You have to transfer all your point loads to the foundation. I need to know how the second floor is laid out. It sounds to me you have taken a ranch plan that is trussed and want to add a floor. I will be glad to send you a scetch of the layout I was talking about.

You may be purchasing plans that this may not work with. What you are trying to do is custom engineering. Very critical in its design. Which state are you building this in?

Can you provide me a small scetch of your plan with deminisions. Just draft it on paper and scan into the computer and send it as an attacment.


Mark


----------



## PipeGuy (Oct 8, 2004)

Frenchie said:


> When you use the terms in your reply like W beam and microlams - What are they and how can I see what they look like











W beam characteristics

The link above has some info that details the difference between type 'S' and type 'W' I-beam material. 









Microllam products 

Microllam is Weyerhausers' trademark name for its line of engineered, structural wood products. Engineered products are often used in lieu of standard or built-up nominal lumber for a variety of reasons. The products include joists, trusses, beams and other items that are manufactured and marketed by various companies. Microllam beams are often referred to generically as "lam" beams.


----------



## Frenchie (Jan 6, 2005)

*The Website*



pondman said:


> Frenchie,
> 
> In the building industry; you just can't add a floor under existing plans as you state:
> 
> ...


 Ok, the best way to show you what we want to build is to send you to the website that we are getting the plans from. Go to www.barnplans.com and look at the Barnhouse section. They offer plans for Barns and Barnhomes in different sizes. Check out the Featured Homes section and you will see exactly what I would like to do. Insted of putting the house on a concrete basement in the ground, I want to put it on a framed 1st floor with a slab at ground level. #1 we pour a slab 36' W X 60' L. then we frame the outside walls and then put the 2nd floor on top of that, which would in reallity be the 1st floor if it were on a slab itself or a full basement. I just want that " Basement " to be at ground level and framed of wood and wide open with no columns or jacks. See where I'm going with this ?? I guess I need to ask the folks we are bying the plans from if it's possible to do this, but I think it can be done with the proper materials and engineering. Thnx, Frenchie.


----------



## pondman (Dec 29, 2004)

Lots of engineering. You are not building a house of cards here.


----------



## Teetorbilt (Feb 12, 2004)

I'm an engineer and it can be done, the question is 'is it worth it to you?'.
A few stratigically placed center posts would relieve much of the engineering stress. If you wish to complete this as stated, I would suggest consulting a local engineer.


----------



## pondman (Dec 29, 2004)

Sorry can't find the layout or the featured home section on that Link. I must be looking in wrong place?? Tell me how to click it on exactly.


----------



## Frenchie (Jan 6, 2005)

*The Website*



pondman said:


> Sorry can't find the layout or the featured home section on that Link. I must be looking in wrong place?? Tell me how to click it on exactly.
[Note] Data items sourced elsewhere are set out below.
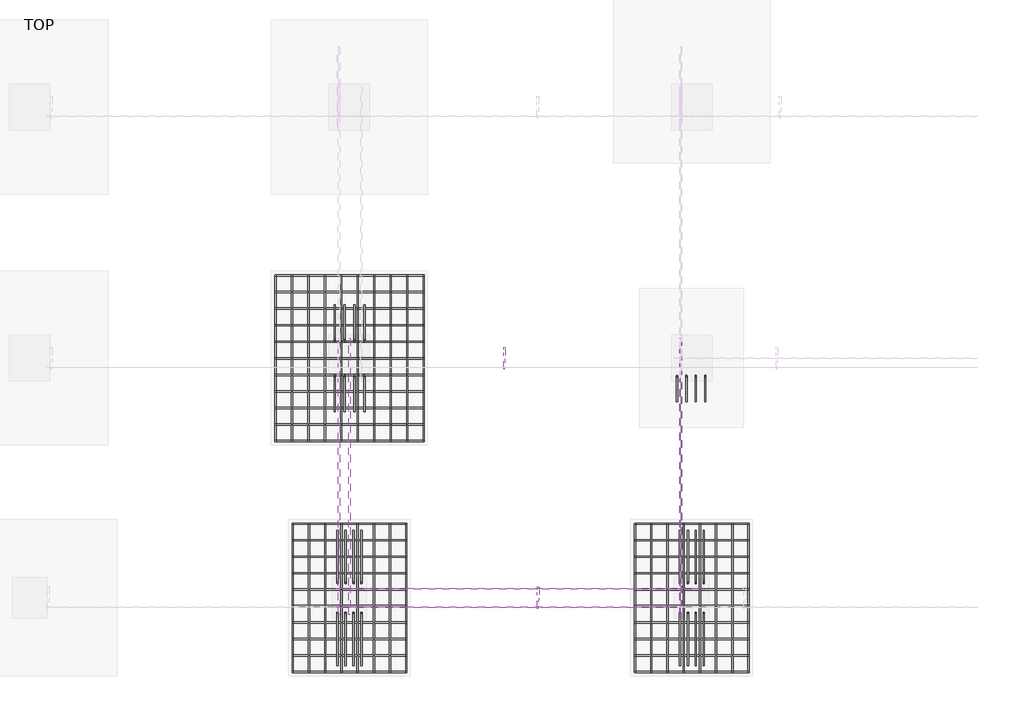
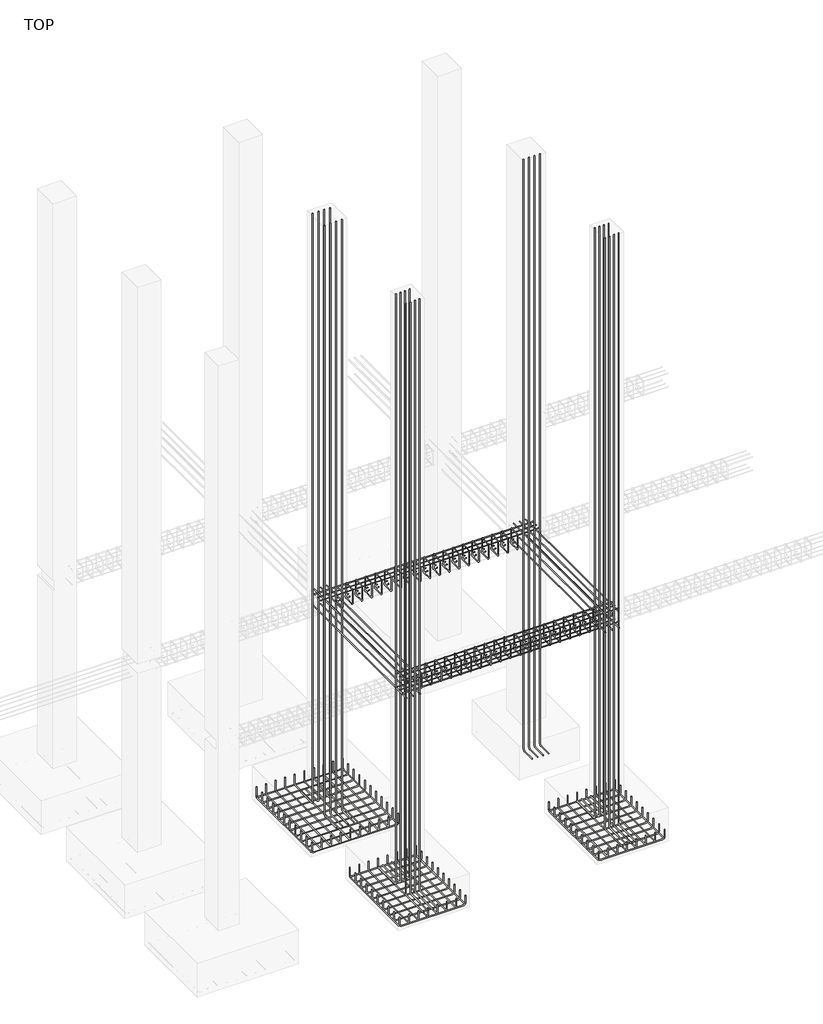
# One storey, part 5 of 8: 22 reinforcing bars.
"""IFC4 building model written with IfcOpenShell, lengths in millimetres."""

from ifc_helpers import new_model, si_unit, point, frame, origin, place, context, project, spatial, polyline, circle_curve, trimmed, segment, composite_curve, source, transform, mapped, element, save
from ifc_brep_helpers import swept_disk

model = new_model("IFC4")

# Units and contexts
model_context = context("Model", 3, world=origin())
ifc_project = project(units=[si_unit("LENGTHUNIT", "METRE", prefix="MILLI")], contexts=[model_context])

# Site, building, storey
site = spatial("IfcSite", under=ifc_project)
building = spatial("IfcBuilding", under=site)
storey = spatial("IfcBuildingStorey", under=building, Name="TOP", Elevation=0.0)

# Reinforcing bars
placement = place(None, origin())
reinforcing_bar_shape = source(origin(), model_context, "Body", "SolidModel", [
    swept_disk(composite_curve([segment(polyline([(3952.1028571, 3065.9815576, 8968.464), (3952.1028571, 3065.9815576, -415.886)]), True, "CONTINUOUS"), segment(trimmed(circle_curve(frame((3952.1028571, 3035.9815576, -415.886), z_axis=(-1.0, 0.0, 0.0), x_axis=(0.0, 30.0, 0.0)), 30.0), [point((3952.1028571, 3065.9815576, -415.886))], [point((3952.1028571, 3035.9815576, -445.886))], True, "CARTESIAN"), True, "CONTINUOUS"), segment(polyline([(3952.1028571, 3035.9815576, -445.886), (3952.1028571, 2842.0307576, -445.886)]), True, "CONTINUOUS")], self_intersect=False), 6.0),
])
element("IfcReinforcingBar", 1, at=placement, inside=storey, context=model_context, shape_type="MappedRepresentation", body=[
    mapped(reinforcing_bar_shape, transform((0.0, 0.0, 0.0), x_axis=(1.0, 0.0, 0.0), y_axis=(0.0, 1.0, 0.0), z_axis=(0.0, 0.0, 1.0))),
    mapped(reinforcing_bar_shape, transform((-82.2899057, 0.0, 0.0), x_axis=(1.0, 0.0, 0.0), y_axis=(0.0, 1.0, 0.0), z_axis=(0.0, 0.0, 1.0))),
    mapped(reinforcing_bar_shape, transform((-164.5798115, 0.0, 0.0), x_axis=(1.0, 0.0, 0.0), y_axis=(0.0, 1.0, 0.0), z_axis=(0.0, 0.0, 1.0))),
    mapped(reinforcing_bar_shape, transform((-246.8697172, 0.0, 0.0), x_axis=(1.0, 0.0, 0.0), y_axis=(0.0, 1.0, 0.0), z_axis=(0.0, 0.0, 1.0))),
])
reinforcing_bar_2_shape = source(origin(), model_context, "Body", "SolidModel", [
    swept_disk(composite_curve([segment(polyline([(730.6839399, 1250.9815576, 8968.464), (730.6839399, 1250.9815576, -409.536)]), True, "CONTINUOUS"), segment(trimmed(circle_curve(frame((730.6839399, 1280.9815576, -409.536), z_axis=(1.0, 0.0, 0.0), x_axis=(0.0, -30.0, 0.0)), 30.0), [point((730.6839399, 1250.9815576, -409.536))], [point((730.6839399, 1280.9815576, -439.536))], True, "CARTESIAN"), True, "CONTINUOUS"), segment(polyline([(730.6839399, 1280.9815576, -439.536), (730.6839399, 1716.1815576, -439.536)]), True, "CONTINUOUS")], self_intersect=False), 6.0),
])
element("IfcReinforcingBar", 2, at=placement, inside=storey, context=model_context, shape_type="MappedRepresentation", body=[
    mapped(reinforcing_bar_2_shape, transform((0.0, 0.0, 0.0), x_axis=(1.0, 0.0, 0.0), y_axis=(0.0, 1.0, 0.0), z_axis=(0.0, 0.0, 1.0))),
    mapped(reinforcing_bar_2_shape, transform((69.6, 0.0, 0.0), x_axis=(1.0, 0.0, 0.0), y_axis=(0.0, 1.0, 0.0), z_axis=(0.0, 0.0, 1.0))),
    mapped(reinforcing_bar_2_shape, transform((139.2, 0.0, 0.0), x_axis=(1.0, 0.0, 0.0), y_axis=(0.0, 1.0, 0.0), z_axis=(0.0, 0.0, 1.0))),
    mapped(reinforcing_bar_2_shape, transform((208.8, 0.0, 0.0), x_axis=(1.0, 0.0, 0.0), y_axis=(0.0, 1.0, 0.0), z_axis=(0.0, 0.0, 1.0))),
])
reinforcing_bar_3_shape = source(origin(), model_context, "Body", "SolidModel", [
    swept_disk(composite_curve([segment(polyline([(939.4839399, 991.2799576, 8968.464), (939.4839399, 991.2799576, -415.886)]), True, "CONTINUOUS"), segment(trimmed(circle_curve(frame((939.4839399, 961.2799576, -415.886), z_axis=(-1.0, 0.0, 0.0), x_axis=(0.0, 30.0, 0.0)), 30.0), [point((939.4839399, 991.2799576, -415.886))], [point((939.4839399, 961.2799576, -445.886))], True, "CARTESIAN"), True, "CONTINUOUS"), segment(polyline([(939.4839399, 961.2799576, -445.886), (939.4839399, 526.0799576, -445.886)]), True, "CONTINUOUS")], self_intersect=False), 6.0),
])
element("IfcReinforcingBar", 3, at=placement, inside=storey, context=model_context, shape_type="MappedRepresentation", body=[
    mapped(reinforcing_bar_3_shape, transform((0.0, 0.0, 0.0), x_axis=(1.0, 0.0, 0.0), y_axis=(0.0, 1.0, 0.0), z_axis=(0.0, 0.0, 1.0))),
    mapped(reinforcing_bar_3_shape, transform((-69.6, 0.0, 0.0), x_axis=(1.0, 0.0, 0.0), y_axis=(0.0, 1.0, 0.0), z_axis=(0.0, 0.0, 1.0))),
    mapped(reinforcing_bar_3_shape, transform((-139.2, 0.0, 0.0), x_axis=(1.0, 0.0, 0.0), y_axis=(0.0, 1.0, 0.0), z_axis=(0.0, 0.0, 1.0))),
    mapped(reinforcing_bar_3_shape, transform((-208.8, 0.0, 0.0), x_axis=(1.0, 0.0, 0.0), y_axis=(0.0, 1.0, 0.0), z_axis=(0.0, 0.0, 1.0))),
])
reinforcing_bar_4_shape = source(origin(), model_context, "Body", "SolidModel", [
    swept_disk(composite_curve([segment(polyline([(3730.6839399, 1250.9815576, 8968.464), (3730.6839399, 1250.9815576, -409.536)]), True, "CONTINUOUS"), segment(trimmed(circle_curve(frame((3730.6839399, 1280.9815576, -409.536), z_axis=(1.0, 0.0, 0.0), x_axis=(0.0, -30.0, 0.0)), 30.0), [point((3730.6839399, 1250.9815576, -409.536))], [point((3730.6839399, 1280.9815576, -439.536))], True, "CARTESIAN"), True, "CONTINUOUS"), segment(polyline([(3730.6839399, 1280.9815576, -439.536), (3730.6839399, 1716.1815576, -439.536)]), True, "CONTINUOUS")], self_intersect=False), 6.0),
])
element("IfcReinforcingBar", 4, at=placement, inside=storey, context=model_context, shape_type="MappedRepresentation", body=[
    mapped(reinforcing_bar_4_shape, transform((0.0, 0.0, 0.0), x_axis=(1.0, 0.0, 0.0), y_axis=(0.0, 1.0, 0.0), z_axis=(0.0, 0.0, 1.0))),
    mapped(reinforcing_bar_4_shape, transform((69.6, 0.0, 0.0), x_axis=(1.0, 0.0, 0.0), y_axis=(0.0, 1.0, 0.0), z_axis=(0.0, 0.0, 1.0))),
    mapped(reinforcing_bar_4_shape, transform((139.2, 0.0, 0.0), x_axis=(1.0, 0.0, 0.0), y_axis=(0.0, 1.0, 0.0), z_axis=(0.0, 0.0, 1.0))),
    mapped(reinforcing_bar_4_shape, transform((208.8, 0.0, 0.0), x_axis=(1.0, 0.0, 0.0), y_axis=(0.0, 1.0, 0.0), z_axis=(0.0, 0.0, 1.0))),
])
reinforcing_bar_5_shape = source(origin(), model_context, "Body", "SolidModel", [
    swept_disk(composite_curve([segment(polyline([(3939.4839399, 991.2799576, 8968.464), (3939.4839399, 991.2799576, -415.886)]), True, "CONTINUOUS"), segment(trimmed(circle_curve(frame((3939.4839399, 961.2799576, -415.886), z_axis=(-1.0, 0.0, 0.0), x_axis=(0.0, 30.0, 0.0)), 30.0), [point((3939.4839399, 991.2799576, -415.886))], [point((3939.4839399, 961.2799576, -445.886))], True, "CARTESIAN"), True, "CONTINUOUS"), segment(polyline([(3939.4839399, 961.2799576, -445.886), (3939.4839399, 526.0799576, -445.886)]), True, "CONTINUOUS")], self_intersect=False), 6.0),
])
element("IfcReinforcingBar", 5, at=placement, inside=storey, context=model_context, shape_type="MappedRepresentation", body=[
    mapped(reinforcing_bar_5_shape, transform((0.0, 0.0, 0.0), x_axis=(1.0, 0.0, 0.0), y_axis=(0.0, 1.0, 0.0), z_axis=(0.0, 0.0, 1.0))),
    mapped(reinforcing_bar_5_shape, transform((-69.6, 0.0, 0.0), x_axis=(1.0, 0.0, 0.0), y_axis=(0.0, 1.0, 0.0), z_axis=(0.0, 0.0, 1.0))),
    mapped(reinforcing_bar_5_shape, transform((-139.2, 0.0, 0.0), x_axis=(1.0, 0.0, 0.0), y_axis=(0.0, 1.0, 0.0), z_axis=(0.0, 0.0, 1.0))),
    mapped(reinforcing_bar_5_shape, transform((-208.8, 0.0, 0.0), x_axis=(1.0, 0.0, 0.0), y_axis=(0.0, 1.0, 0.0), z_axis=(0.0, 0.0, 1.0))),
])
reinforcing_bar_6_shape = source(origin(), model_context, "Body", "SolidModel", [
    swept_disk(composite_curve([segment(polyline([(1332.4839399, 1770.9307576, -351.0), (1332.4839399, 1770.9307576, -467.4)]), True, "CONTINUOUS"), segment(trimmed(circle_curve(frame((1332.4839399, 1740.9307576, -467.4), z_axis=(-1.0, 0.0, 0.0), x_axis=(0.0, 30.0, 0.0)), 30.0), [point((1332.4839399, 1770.9307576, -467.4))], [point((1332.4839399, 1740.9307576, -497.4))], True, "CARTESIAN"), True, "CONTINUOUS"), segment(polyline([(1332.4839399, 1740.9307576, -497.4), (1332.4839399, 501.3307576, -497.4)]), True, "CONTINUOUS"), segment(trimmed(circle_curve(frame((1332.4839399, 501.3307576, -467.4), z_axis=(-1.0, 0.0, 0.0), x_axis=(0.0, 0.0, -30.0)), 30.0), [point((1332.4839399, 501.3307576, -497.4))], [point((1332.4839399, 471.3307576, -467.4))], True, "CARTESIAN"), True, "CONTINUOUS"), segment(polyline([(1332.4839399, 471.3307576, -467.4), (1332.4839399, 471.3307576, -351.0)]), True, "CONTINUOUS")], self_intersect=False), 6.0),
])
element("IfcReinforcingBar", 6, at=placement, inside=storey, context=model_context, shape_type="MappedRepresentation", body=[
    mapped(reinforcing_bar_6_shape, transform((0.0, 0.0, 0.0), x_axis=(1.0, 0.0, 0.0), y_axis=(0.0, 1.0, 0.0), z_axis=(0.0, 0.0, 1.0))),
    mapped(reinforcing_bar_6_shape, transform((-142.1142857, 0.0, 0.0), x_axis=(1.0, 0.0, 0.0), y_axis=(0.0, 1.0, 0.0), z_axis=(0.0, 0.0, 1.0))),
    mapped(reinforcing_bar_6_shape, transform((-284.2285714, 0.0, 0.0), x_axis=(1.0, 0.0, 0.0), y_axis=(0.0, 1.0, 0.0), z_axis=(0.0, 0.0, 1.0))),
    mapped(reinforcing_bar_6_shape, transform((-426.3428571, 0.0, 0.0), x_axis=(1.0, 0.0, 0.0), y_axis=(0.0, 1.0, 0.0), z_axis=(0.0, 0.0, 1.0))),
    mapped(reinforcing_bar_6_shape, transform((-568.4571429, 0.0, 0.0), x_axis=(1.0, 0.0, 0.0), y_axis=(0.0, 1.0, 0.0), z_axis=(0.0, 0.0, 1.0))),
    mapped(reinforcing_bar_6_shape, transform((-710.5714286, 0.0, 0.0), x_axis=(1.0, 0.0, 0.0), y_axis=(0.0, 1.0, 0.0), z_axis=(0.0, 0.0, 1.0))),
    mapped(reinforcing_bar_6_shape, transform((-852.6857143, 0.0, 0.0), x_axis=(1.0, 0.0, 0.0), y_axis=(0.0, 1.0, 0.0), z_axis=(0.0, 0.0, 1.0))),
    mapped(reinforcing_bar_6_shape, transform((-994.8, 0.0, 0.0), x_axis=(1.0, 0.0, 0.0), y_axis=(0.0, 1.0, 0.0), z_axis=(0.0, 0.0, 1.0))),
])
reinforcing_bar_7_shape = source(origin(), model_context, "Body", "SolidModel", [
    swept_disk(composite_curve([segment(polyline([(337.6839399, 1770.9307576, -351.0), (337.6839399, 1770.9307576, -467.4)]), True, "CONTINUOUS"), segment(trimmed(circle_curve(frame((367.6839399, 1770.9307576, -467.4), z_axis=(0.0, -1.0, 0.0), x_axis=(-30.0, 0.0, 0.0)), 30.0), [point((337.6839399, 1770.9307576, -467.4))], [point((367.6839399, 1770.9307576, -497.4))], True, "CARTESIAN"), True, "CONTINUOUS"), segment(polyline([(367.6839399, 1770.9307576, -497.4), (1302.4839399, 1770.9307576, -497.4)]), True, "CONTINUOUS"), segment(trimmed(circle_curve(frame((1302.4839399, 1770.9307576, -467.4), z_axis=(0.0, -1.0, 0.0), x_axis=(0.0, 0.0, -30.0)), 30.0), [point((1302.4839399, 1770.9307576, -497.4))], [point((1332.4839399, 1770.9307576, -467.4))], True, "CARTESIAN"), True, "CONTINUOUS"), segment(polyline([(1332.4839399, 1770.9307576, -467.4), (1332.4839399, 1770.9307576, -351.0)]), True, "CONTINUOUS")], self_intersect=False), 6.0),
])
element("IfcReinforcingBar", 7, at=placement, inside=storey, context=model_context, shape_type="MappedRepresentation", body=[
    mapped(reinforcing_bar_7_shape, transform((0.0, 0.0, 0.0), x_axis=(1.0, 0.0, 0.0), y_axis=(0.0, 1.0, 0.0), z_axis=(0.0, 0.0, 1.0))),
    mapped(reinforcing_bar_7_shape, transform((0.0, -144.4, 0.0), x_axis=(1.0, 0.0, 0.0), y_axis=(0.0, 1.0, 0.0), z_axis=(0.0, 0.0, 1.0))),
    mapped(reinforcing_bar_7_shape, transform((0.0, -288.8, 0.0), x_axis=(1.0, 0.0, 0.0), y_axis=(0.0, 1.0, 0.0), z_axis=(0.0, 0.0, 1.0))),
    mapped(reinforcing_bar_7_shape, transform((0.0, -433.2, 0.0), x_axis=(1.0, 0.0, 0.0), y_axis=(0.0, 1.0, 0.0), z_axis=(0.0, 0.0, 1.0))),
    mapped(reinforcing_bar_7_shape, transform((0.0, -577.6, 0.0), x_axis=(1.0, 0.0, 0.0), y_axis=(0.0, 1.0, 0.0), z_axis=(0.0, 0.0, 1.0))),
    mapped(reinforcing_bar_7_shape, transform((0.0, -722.0, 0.0), x_axis=(1.0, 0.0, 0.0), y_axis=(0.0, 1.0, 0.0), z_axis=(0.0, 0.0, 1.0))),
    mapped(reinforcing_bar_7_shape, transform((0.0, -866.4, 0.0), x_axis=(1.0, 0.0, 0.0), y_axis=(0.0, 1.0, 0.0), z_axis=(0.0, 0.0, 1.0))),
    mapped(reinforcing_bar_7_shape, transform((0.0, -1010.8, 0.0), x_axis=(1.0, 0.0, 0.0), y_axis=(0.0, 1.0, 0.0), z_axis=(0.0, 0.0, 1.0))),
    mapped(reinforcing_bar_7_shape, transform((0.0, -1155.2, 0.0), x_axis=(1.0, 0.0, 0.0), y_axis=(0.0, 1.0, 0.0), z_axis=(0.0, 0.0, 1.0))),
    mapped(reinforcing_bar_7_shape, transform((0.0, -1299.6, 0.0), x_axis=(1.0, 0.0, 0.0), y_axis=(0.0, 1.0, 0.0), z_axis=(0.0, 0.0, 1.0))),
])
reinforcing_bar_8_shape = source(origin(), model_context, "Body", "SolidModel", [
    swept_disk(composite_curve([segment(polyline([(4332.4839399, 1770.9307576, -351.0), (4332.4839399, 1770.9307576, -467.4)]), True, "CONTINUOUS"), segment(trimmed(circle_curve(frame((4332.4839399, 1740.9307576, -467.4), z_axis=(-1.0, 0.0, 0.0), x_axis=(0.0, 30.0, 0.0)), 30.0), [point((4332.4839399, 1770.9307576, -467.4))], [point((4332.4839399, 1740.9307576, -497.4))], True, "CARTESIAN"), True, "CONTINUOUS"), segment(polyline([(4332.4839399, 1740.9307576, -497.4), (4332.4839399, 501.3307576, -497.4)]), True, "CONTINUOUS"), segment(trimmed(circle_curve(frame((4332.4839399, 501.3307576, -467.4), z_axis=(-1.0, 0.0, 0.0), x_axis=(0.0, 0.0, -30.0)), 30.0), [point((4332.4839399, 501.3307576, -497.4))], [point((4332.4839399, 471.3307576, -467.4))], True, "CARTESIAN"), True, "CONTINUOUS"), segment(polyline([(4332.4839399, 471.3307576, -467.4), (4332.4839399, 471.3307576, -351.0)]), True, "CONTINUOUS")], self_intersect=False), 6.0),
])
element("IfcReinforcingBar", 8, at=placement, inside=storey, context=model_context, shape_type="MappedRepresentation", body=[
    mapped(reinforcing_bar_8_shape, transform((0.0, 0.0, 0.0), x_axis=(1.0, 0.0, 0.0), y_axis=(0.0, 1.0, 0.0), z_axis=(0.0, 0.0, 1.0))),
    mapped(reinforcing_bar_8_shape, transform((-142.1142857, 0.0, 0.0), x_axis=(1.0, 0.0, 0.0), y_axis=(0.0, 1.0, 0.0), z_axis=(0.0, 0.0, 1.0))),
    mapped(reinforcing_bar_8_shape, transform((-284.2285714, 0.0, 0.0), x_axis=(1.0, 0.0, 0.0), y_axis=(0.0, 1.0, 0.0), z_axis=(0.0, 0.0, 1.0))),
    mapped(reinforcing_bar_8_shape, transform((-426.3428571, 0.0, 0.0), x_axis=(1.0, 0.0, 0.0), y_axis=(0.0, 1.0, 0.0), z_axis=(0.0, 0.0, 1.0))),
    mapped(reinforcing_bar_8_shape, transform((-568.4571429, 0.0, 0.0), x_axis=(1.0, 0.0, 0.0), y_axis=(0.0, 1.0, 0.0), z_axis=(0.0, 0.0, 1.0))),
    mapped(reinforcing_bar_8_shape, transform((-710.5714286, 0.0, 0.0), x_axis=(1.0, 0.0, 0.0), y_axis=(0.0, 1.0, 0.0), z_axis=(0.0, 0.0, 1.0))),
    mapped(reinforcing_bar_8_shape, transform((-852.6857143, 0.0, 0.0), x_axis=(1.0, 0.0, 0.0), y_axis=(0.0, 1.0, 0.0), z_axis=(0.0, 0.0, 1.0))),
    mapped(reinforcing_bar_8_shape, transform((-994.8, 0.0, 0.0), x_axis=(1.0, 0.0, 0.0), y_axis=(0.0, 1.0, 0.0), z_axis=(0.0, 0.0, 1.0))),
])
reinforcing_bar_9_shape = source(origin(), model_context, "Body", "SolidModel", [
    swept_disk(composite_curve([segment(polyline([(3337.6839399, 1770.9307576, -351.0), (3337.6839399, 1770.9307576, -467.4)]), True, "CONTINUOUS"), segment(trimmed(circle_curve(frame((3367.6839399, 1770.9307576, -467.4), z_axis=(0.0, -1.0, 0.0), x_axis=(-30.0, 0.0, 0.0)), 30.0), [point((3337.6839399, 1770.9307576, -467.4))], [point((3367.6839399, 1770.9307576, -497.4))], True, "CARTESIAN"), True, "CONTINUOUS"), segment(polyline([(3367.6839399, 1770.9307576, -497.4), (4302.4839399, 1770.9307576, -497.4)]), True, "CONTINUOUS"), segment(trimmed(circle_curve(frame((4302.4839399, 1770.9307576, -467.4), z_axis=(0.0, -1.0, 0.0), x_axis=(0.0, 0.0, -30.0)), 30.0), [point((4302.4839399, 1770.9307576, -497.4))], [point((4332.4839399, 1770.9307576, -467.4))], True, "CARTESIAN"), True, "CONTINUOUS"), segment(polyline([(4332.4839399, 1770.9307576, -467.4), (4332.4839399, 1770.9307576, -351.0)]), True, "CONTINUOUS")], self_intersect=False), 6.0),
])
element("IfcReinforcingBar", 9, at=placement, inside=storey, context=model_context, shape_type="MappedRepresentation", body=[
    mapped(reinforcing_bar_9_shape, transform((0.0, 0.0, 0.0), x_axis=(1.0, 0.0, 0.0), y_axis=(0.0, 1.0, 0.0), z_axis=(0.0, 0.0, 1.0))),
    mapped(reinforcing_bar_9_shape, transform((0.0, -144.4, 0.0), x_axis=(1.0, 0.0, 0.0), y_axis=(0.0, 1.0, 0.0), z_axis=(0.0, 0.0, 1.0))),
    mapped(reinforcing_bar_9_shape, transform((0.0, -288.8, 0.0), x_axis=(1.0, 0.0, 0.0), y_axis=(0.0, 1.0, 0.0), z_axis=(0.0, 0.0, 1.0))),
    mapped(reinforcing_bar_9_shape, transform((0.0, -433.2, 0.0), x_axis=(1.0, 0.0, 0.0), y_axis=(0.0, 1.0, 0.0), z_axis=(0.0, 0.0, 1.0))),
    mapped(reinforcing_bar_9_shape, transform((0.0, -577.6, 0.0), x_axis=(1.0, 0.0, 0.0), y_axis=(0.0, 1.0, 0.0), z_axis=(0.0, 0.0, 1.0))),
    mapped(reinforcing_bar_9_shape, transform((0.0, -722.0, 0.0), x_axis=(1.0, 0.0, 0.0), y_axis=(0.0, 1.0, 0.0), z_axis=(0.0, 0.0, 1.0))),
    mapped(reinforcing_bar_9_shape, transform((0.0, -866.4, 0.0), x_axis=(1.0, 0.0, 0.0), y_axis=(0.0, 1.0, 0.0), z_axis=(0.0, 0.0, 1.0))),
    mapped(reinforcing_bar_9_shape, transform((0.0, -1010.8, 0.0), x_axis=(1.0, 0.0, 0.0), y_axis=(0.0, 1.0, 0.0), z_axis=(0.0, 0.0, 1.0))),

 Ok, on the Home Page go down to Showcase and look through the many homes that have been built using these plans. I just E-mailed the contact guy there and asked them for info about doing this. I'll let Y'all know what they tell me. L8tr , Frenchie.


----------



## pondman (Dec 29, 2004)

Frenchie,

I thought you had a particular plan that already had a layout?????? You know the one with a 30 x 36 loft????


----------



## 747 (Jan 21, 2005)

Did you think about using insulspan.....www.insulspan.com???


----------